12 January 2005
- RSIS
- Publication
- RSIS Publications
- CO05003 | Tsunami: Nature’s Test for ASEAN’s New Leadership
Commentary
THE tsunami calamity that hit Asia on December 26 was as much a tragedy for ASEAN, the Association of South-east Asian Nations. Of the 12 countries affected, three – Indonesia, Malaysia and Thailand – are ASEAN members. This is the first major natural catastrophe that the South-east Asian region has experienced in its modern history. Coming at a time of political change and transition in the grouping, the tsunami disaster is a major test for the new generation of ASEAN leaders who have just emerged on the scene. How these new leaders respond to this monumental challenge from Nature and how they live up to their tasks as heads of government will not only influence the course of ASEAN cohesion in the coming years but also shape international opinion of the grouping.

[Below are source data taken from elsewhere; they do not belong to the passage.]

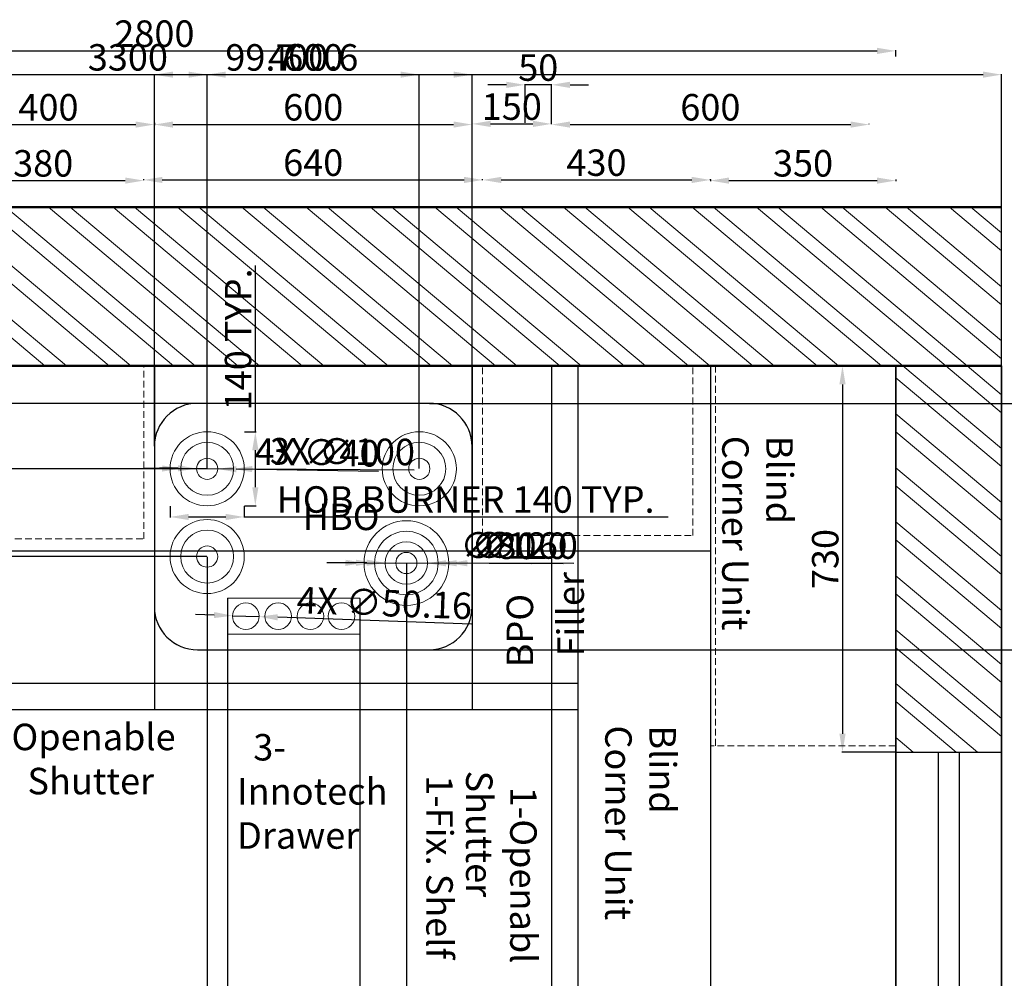
# Model space of a CAD drawing. Units: millimetres. Extents: x 407065 to 421840, y 1168257 to 1177792.
# Tile 9 of 17: x 409170 to 411029, y 1175981 to 1177792. Entities that reach past the tile are written whole.
import ezdxf

# ---------------------------------------------------------------- set-up
doc = ezdxf.new("R2010")
doc.units = ezdxf.units.MM
doc.linetypes.add('DASHED', pattern=[19.05, 12.7, -6.35])
for name, color, linetype, lineweight in [('A-ANNO-DIMS', 6, 'Continuous', 18), ('A-ANNO-TEXT', 30, 'Continuous', 18), ('A-EQPM', 8, 'Continuous', 18), ('A-FURN', 3, 'Continuous', 25), ('A-FURN-HIDN', 7, 'DASHED', 18), ('A-WALL', 7, 'Continuous', 50), ('A-WALL-PATT', 8, 'Continuous', 13)]:
    doc.layers.add(name, color=color, linetype=linetype, lineweight=lineweight)
doc.styles.get("Standard").update_dxf_attribs({"font": 'arial.ttf'})
doc.dimstyles.new('ISO-25', dxfattribs={"dimtxt": 50, "dimasz": 35, "dimexe": 1.25, "dimexo": 0.625, "dimtad": 1, "dimdec": 1, "dimtxsty": 'Standard', "dimcen": 35, "dimadec": 0, "dimazin": 0, "dimtfac": 1, "dimtdec": 1, "dimtmove": 0, "dimatfit": 3, "dimfxl": 1, "dimarcsym": 0})

# ---------------------------------------------------------------- blocks, each defined once
blk = doc.blocks.new('*D4')
at = {"layer": 'A-ANNO-DIMS', "color": 0, "lineweight": -2, "transparency": 16777216}
for p, q in [((409024.3, 1177488.3), (409024.3, 1177488.9)), ((409059.3, 1177487.7), (409369.3, 1177487.7)), ((409404.3, 1177488.3), (409404.3, 1177488.9))]:
    blk.add_line(p, q, dxfattribs=at)
at = {"layer": 'A-ANNO-DIMS', "color": 0, "transparency": 16777216}
for points in [[(409059.3, 1177493.5), (409059.3, 1177481.8), (409024.3, 1177487.7)], [(409369.3, 1177493.5), (409369.3, 1177481.8), (409404.3, 1177487.7)]]:
    blk.add_solid(points, dxfattribs=at)
at = {"layer": 'Defpoints', "color": 0, "transparency": 16777216}
for p in [(409024.3, 1177487.7), (409404.3, 1177487.7), (409404.3, 1177487.7)]:
    blk.add_point(p, dxfattribs=at)
at = {"layer": 'A-ANNO-DIMS', "color": 0, "transparency": 16777216, "insert": (409214.3, 1177513.8), "char_height": 50, "attachment_point": 5}
blk.add_mtext('380', dxfattribs=at)
blk = doc.blocks.new('*D5')
at = {"layer": 'A-ANNO-DIMS', "color": 0, "lineweight": -2, "transparency": 16777216}
for p, q in [((409404.3, 1177488.3), (409404.3, 1177490.2)), ((409439.3, 1177488.9), (410009.3, 1177488.9)), ((410044.3, 1177488.3), (410044.3, 1177490.2))]:
    blk.add_line(p, q, dxfattribs=at)
at = {"layer": 'A-ANNO-DIMS', "color": 0, "transparency": 16777216}
for points in [[(409439.3, 1177494.7), (409439.3, 1177483.1), (409404.3, 1177488.9)], [(410009.3, 1177494.7), (410009.3, 1177483.1), (410044.3, 1177488.9)]]:
    blk.add_solid(points, dxfattribs=at)
at = {"layer": 'Defpoints', "color": 0, "transparency": 16777216}
for p in [(409404.3, 1177487.7), (410044.3, 1177488.9), (410044.3, 1177487.7)]:
    blk.add_point(p, dxfattribs=at)
at = {"layer": 'A-ANNO-DIMS', "color": 0, "transparency": 16777216, "insert": (409724.3, 1177515.1), "char_height": 50, "attachment_point": 5}
blk.add_mtext('640', dxfattribs=at)
blk = doc.blocks.new('*D6')
at = {"layer": 'A-ANNO-DIMS', "color": 0, "lineweight": -2, "transparency": 16777216}
for p, q in [((410044.3, 1177488.3), (410044.3, 1177490.2)), ((410079.3, 1177488.9), (410439.3, 1177488.9)), ((410474.3, 1177488.3), (410474.3, 1177490.2))]:
    blk.add_line(p, q, dxfattribs=at)
at = {"layer": 'A-ANNO-DIMS', "color": 0, "transparency": 16777216}
for points in [[(410079.3, 1177494.7), (410079.3, 1177483.1), (410044.3, 1177488.9)], [(410439.3, 1177494.7), (410439.3, 1177483.1), (410474.3, 1177488.9)]]:
    blk.add_solid(points, dxfattribs=at)
at = {"layer": 'Defpoints', "color": 0, "transparency": 16777216}
for p in [(410044.3, 1177487.7), (410474.3, 1177488.9), (410474.3, 1177487.7)]:
    blk.add_point(p, dxfattribs=at)
at = {"layer": 'A-ANNO-DIMS', "color": 0, "transparency": 16777216, "insert": (410259.3, 1177515.1), "char_height": 50, "attachment_point": 5}
blk.add_mtext('430', dxfattribs=at)
blk = doc.blocks.new('*D7')
at = {"layer": 'A-ANNO-DIMS', "color": 0, "lineweight": -2, "transparency": 16777216}
for p, q in [((410474.3, 1177489.5), (410474.3, 1177486.4)), ((410509.3, 1177487.7), (410789.3, 1177487.7)), ((410824.3, 1177489.5), (410824.3, 1177486.4))]:
    blk.add_line(p, q, dxfattribs=at)
at = {"layer": 'A-ANNO-DIMS', "color": 0, "transparency": 16777216}
for points in [[(410509.3, 1177493.5), (410509.3, 1177481.8), (410474.3, 1177487.7)], [(410789.3, 1177493.5), (410789.3, 1177481.8), (410824.3, 1177487.7)]]:
    blk.add_solid(points, dxfattribs=at)
at = {"layer": 'Defpoints', "color": 0, "transparency": 16777216}
for p in [(410474.3, 1177490.2), (410824.3, 1177490.2), (410824.3, 1177487.7)]:
    blk.add_point(p, dxfattribs=at)
at = {"layer": 'A-ANNO-DIMS', "color": 0, "transparency": 16777216, "insert": (410649.3, 1177513.8), "char_height": 50, "attachment_point": 5}
blk.add_mtext('350', dxfattribs=at)
blk = doc.blocks.new('*D11')
at = {"layer": 'A-ANNO-DIMS', "color": 0, "lineweight": -2, "transparency": 16777216}
for p, q in [((409024.3, 1177596.6), (409024.3, 1177592.3)), ((409059.3, 1177593.5), (409389.3, 1177593.5)), ((409424.3, 1177596.6), (409424.3, 1177592.3))]:
    blk.add_line(p, q, dxfattribs=at)
at = {"layer": 'A-ANNO-DIMS', "color": 0, "transparency": 16777216}
for points in [[(409059.3, 1177599.3), (409059.3, 1177587.7), (409024.3, 1177593.5)], [(409389.3, 1177599.3), (409389.3, 1177587.7), (409424.3, 1177593.5)]]:
    blk.add_solid(points, dxfattribs=at)
at = {"layer": 'Defpoints', "color": 0, "transparency": 16777216}
for p in [(409024.3, 1177597.3), (409424.3, 1177597.3), (409424.3, 1177593.5)]:
    blk.add_point(p, dxfattribs=at)
at = {"layer": 'A-ANNO-DIMS', "color": 0, "transparency": 16777216, "insert": (409224.3, 1177619.7), "char_height": 50, "attachment_point": 5}
blk.add_mtext('400', dxfattribs=at)
blk = doc.blocks.new('*D12')
at = {"layer": 'A-ANNO-DIMS', "color": 0, "lineweight": -2, "transparency": 16777216}
for p, q in [((409424.3, 1177594.1), (409424.3, 1177594.8)), ((409459.3, 1177593.5), (409989.3, 1177593.5)), ((410024.3, 1177594.1), (410024.3, 1177594.8))]:
    blk.add_line(p, q, dxfattribs=at)
at = {"layer": 'A-ANNO-DIMS', "color": 0, "transparency": 16777216}
for points in [[(409459.3, 1177599.3), (409459.3, 1177587.7), (409424.3, 1177593.5)], [(409989.3, 1177599.3), (409989.3, 1177587.7), (410024.3, 1177593.5)]]:
    blk.add_solid(points, dxfattribs=at)
at = {"layer": 'Defpoints', "color": 0, "transparency": 16777216}
for p in [(409424.3, 1177593.5), (410024.3, 1177593.5), (410024.3, 1177593.5)]:
    blk.add_point(p, dxfattribs=at)
at = {"layer": 'A-ANNO-DIMS', "color": 0, "transparency": 16777216, "insert": (409724.3, 1177619.7), "char_height": 50, "attachment_point": 5}
blk.add_mtext('600', dxfattribs=at)
blk = doc.blocks.new('*D13')
at = {"layer": 'A-ANNO-DIMS', "color": 0, "lineweight": -2, "transparency": 16777216}
for p, q in [((410024.3, 1177594.1), (410024.3, 1177596)), ((410059.3, 1177594.8), (410139.3, 1177594.8)), ((410174.3, 1177594.1), (410174.3, 1177596))]:
    blk.add_line(p, q, dxfattribs=at)
at = {"layer": 'A-ANNO-DIMS', "color": 0, "transparency": 16777216}
for points in [[(410059.3, 1177600.6), (410059.3, 1177588.9), (410024.3, 1177594.8)], [(410139.3, 1177600.6), (410139.3, 1177588.9), (410174.3, 1177594.8)]]:
    blk.add_solid(points, dxfattribs=at)
at = {"layer": 'Defpoints', "color": 0, "transparency": 16777216}
for p in [(410024.3, 1177593.5), (410174.3, 1177594.8), (410174.3, 1177593.5)]:
    blk.add_point(p, dxfattribs=at)
at = {"layer": 'A-ANNO-DIMS', "color": 0, "transparency": 16777216, "insert": (410099.3, 1177620.9), "char_height": 50, "attachment_point": 5}
blk.add_mtext('150', dxfattribs=at)
blk = doc.blocks.new('*D14')
at = {"layer": 'A-ANNO-DIMS', "color": 0, "lineweight": -2, "transparency": 16777216}
for p, q in [((410089.3, 1177668.6), (410054.3, 1177668.6)), ((410124.3, 1177596.6), (410124.3, 1177669.8)), ((410174.3, 1177668.6), (410124.3, 1177668.6)), ((410174.3, 1177596.6), (410174.3, 1177669.8)), ((410209.3, 1177668.6), (410244.3, 1177668.6))]:
    blk.add_line(p, q, dxfattribs=at)
at = {"layer": 'A-ANNO-DIMS', "color": 0, "transparency": 16777216}
for points in [[(410089.3, 1177674.4), (410089.3, 1177662.7), (410124.3, 1177668.6)], [(410209.3, 1177674.4), (410209.3, 1177662.7), (410174.3, 1177668.6)]]:
    blk.add_solid(points, dxfattribs=at)
at = {"layer": 'Defpoints', "color": 0, "transparency": 16777216}
for p in [(410124.3, 1177668.6), (410124.3, 1177596), (410174.3, 1177596)]:
    blk.add_point(p, dxfattribs=at)
at = {"layer": 'A-ANNO-DIMS', "color": 0, "transparency": 16777216, "insert": (410149.3, 1177694.7), "char_height": 50, "attachment_point": 5}
blk.add_mtext('50', dxfattribs=at)
blk = doc.blocks.new('*D15')
at = {"layer": 'A-ANNO-DIMS', "color": 0, "lineweight": -2, "transparency": 16777216}
for p, q in [((410174.3, 1177594.1), (410174.3, 1177594.8)), ((410209.3, 1177593.5), (410739.3, 1177593.5)), ((410774.3, 1177594.1), (410774.3, 1177594.8))]:
    blk.add_line(p, q, dxfattribs=at)
at = {"layer": 'A-ANNO-DIMS', "color": 0, "transparency": 16777216}
for points in [[(410209.3, 1177599.3), (410209.3, 1177587.7), (410174.3, 1177593.5)], [(410739.3, 1177599.3), (410739.3, 1177587.7), (410774.3, 1177593.5)]]:
    blk.add_solid(points, dxfattribs=at)
at = {"layer": 'Defpoints', "color": 0, "transparency": 16777216}
for p in [(410174.3, 1177593.5), (410774.3, 1177593.5), (410774.3, 1177593.5)]:
    blk.add_point(p, dxfattribs=at)
at = {"layer": 'A-ANNO-DIMS', "color": 0, "transparency": 16777216, "insert": (410474.3, 1177619.7), "char_height": 50, "attachment_point": 5}
blk.add_mtext('600', dxfattribs=at)
blk = doc.blocks.new('*D16')
at = {"layer": 'A-ANNO-DIMS', "color": 0, "lineweight": -2, "transparency": 16777216}
for p, q in [((408024.3, 1177722.1), (408024.3, 1177733.9)), ((410824.3, 1177722.1), (410824.3, 1177733.9)), ((408059.3, 1177732.7), (410789.3, 1177732.7))]:
    blk.add_line(p, q, dxfattribs=at)
at = {"layer": 'A-ANNO-DIMS', "color": 0, "transparency": 16777216}
for points in [[(408059.3, 1177738.5), (408059.3, 1177726.8), (408024.3, 1177732.7)], [(410789.3, 1177738.5), (410789.3, 1177726.8), (410824.3, 1177732.7)]]:
    blk.add_solid(points, dxfattribs=at)
at = {"layer": 'Defpoints', "color": 0, "transparency": 16777216}
for p in [(408024.3, 1177721.4), (410824.3, 1177732.7), (410824.3, 1177721.4)]:
    blk.add_point(p, dxfattribs=at)
at = {"layer": 'A-ANNO-DIMS', "color": 0, "transparency": 16777216, "insert": (409424.3, 1177758.8), "char_height": 50, "attachment_point": 5}
blk.add_mtext('2800', dxfattribs=at)
blk = doc.blocks.new('*D17')
at = {"layer": 'A-ANNO-DIMS', "color": 0, "lineweight": -2, "transparency": 16777216}
for p, q in [((410828.1, 1177137.8), (410722.6, 1177137.8)), ((410723.8, 1177102.8), (410723.8, 1176442.8)), ((410823.7, 1176407.8), (410722.6, 1176407.8))]:
    blk.add_line(p, q, dxfattribs=at)
at = {"layer": 'A-ANNO-DIMS', "color": 0, "transparency": 16777216}
for points in [[(410718, 1177102.8), (410729.7, 1177102.8), (410723.8, 1177137.8)], [(410718, 1176442.8), (410729.7, 1176442.8), (410723.8, 1176407.8)]]:
    blk.add_solid(points, dxfattribs=at)
at = {"layer": 'Defpoints', "color": 0, "transparency": 16777216}
for p in [(410828.7, 1177137.8), (410723.8, 1176407.8), (410824.3, 1176407.8)]:
    blk.add_point(p, dxfattribs=at)
at = {"layer": 'A-ANNO-DIMS', "color": 0, "transparency": 16777216, "insert": (410697.7, 1176772.8), "char_height": 50, "attachment_point": 5, "rotation": 90}
blk.add_mtext('730', dxfattribs=at)
blk = doc.blocks.new('HOB-BURNER')
for radius in [70, 50, 20]:
    blk.add_circle((409524, 1176943.3), radius)
blk = doc.blocks.new('*D161')
at = {"layer": 'A-ANNO-DIMS', "color": 0, "lineweight": -2, "transparency": 16777216}
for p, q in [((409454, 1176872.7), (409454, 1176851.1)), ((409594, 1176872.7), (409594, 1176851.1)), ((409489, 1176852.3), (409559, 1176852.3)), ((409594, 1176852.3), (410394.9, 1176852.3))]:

Indonesian President Susilo Bambang Yudhoyono, whose country has been hardest hit, was sworn in on October 20 – or just about two months before the tsunami strike which killed more than 114,000 people in Aceh. Malaysian Prime Minister Abdullah Ahmad Badawi was appointed prime minister to succeed Dr Mahathir Mohamad on November 1, 2003. He was confirmed as UMNO president, which justifies his position as prime minister, on Sept 23 – or just three months before the tsunami tragedy, which also hit Penang, his home state. Prime Minister Lee Hsien Loong was sworn in as successor to Mr Goh Chok Tong on August 12, four months before the tsunami disaster. Only three other ASEAN leaders from the six original members of ASEAN have served longer — Thai Prime Minister Thaksin Shinawatra, Philippine President Gloria Macapagal Arroyo and Brunei’s Sultan and Prime Minister Hassanal Bolkiah. In other words, of the original ASEAN Six, half their leaders – which is not a small proportion — are new to the job as heads of government.
The emergence of the three new leaders has several implications for ASEAN. They have to develop regional statesmanship and reach out to their counterparts even as they try to anchor themselves on the ground at home. Their ability, or otherwise, of extending their hands across the borders will determine their acceptability as regional leaders in the eyes of their neighbours. In other words, their diplomatic skills will influence ASEAN unity and cohesion at the highest level, with repercussions seeping down to the ground.
ASEAN cohesion, at this juncture, sorely needs to be rebuilt. The grouping has been adrift since the 1997 Asian financial crisis. This is especially so after Indonesia was hit by the financial turmoil and subsequently looked inwards, abandoning its implicit role as a regional leader. The decline of its regional influence rendered ASEAN rudderless and affected the group’s solidarity. To worsen the situation, the 1997 turmoil also generated friction between Indonesia and Singapore and Indonesia and Malaysia. Indeed, the post-1997 years have been a trying period for ASEAN because this was when several bilateral disputes afflicted the three member states, including between Singapore and Malaysia. Although serious efforts are being made to tackle them, these disputes remain largely unresolved.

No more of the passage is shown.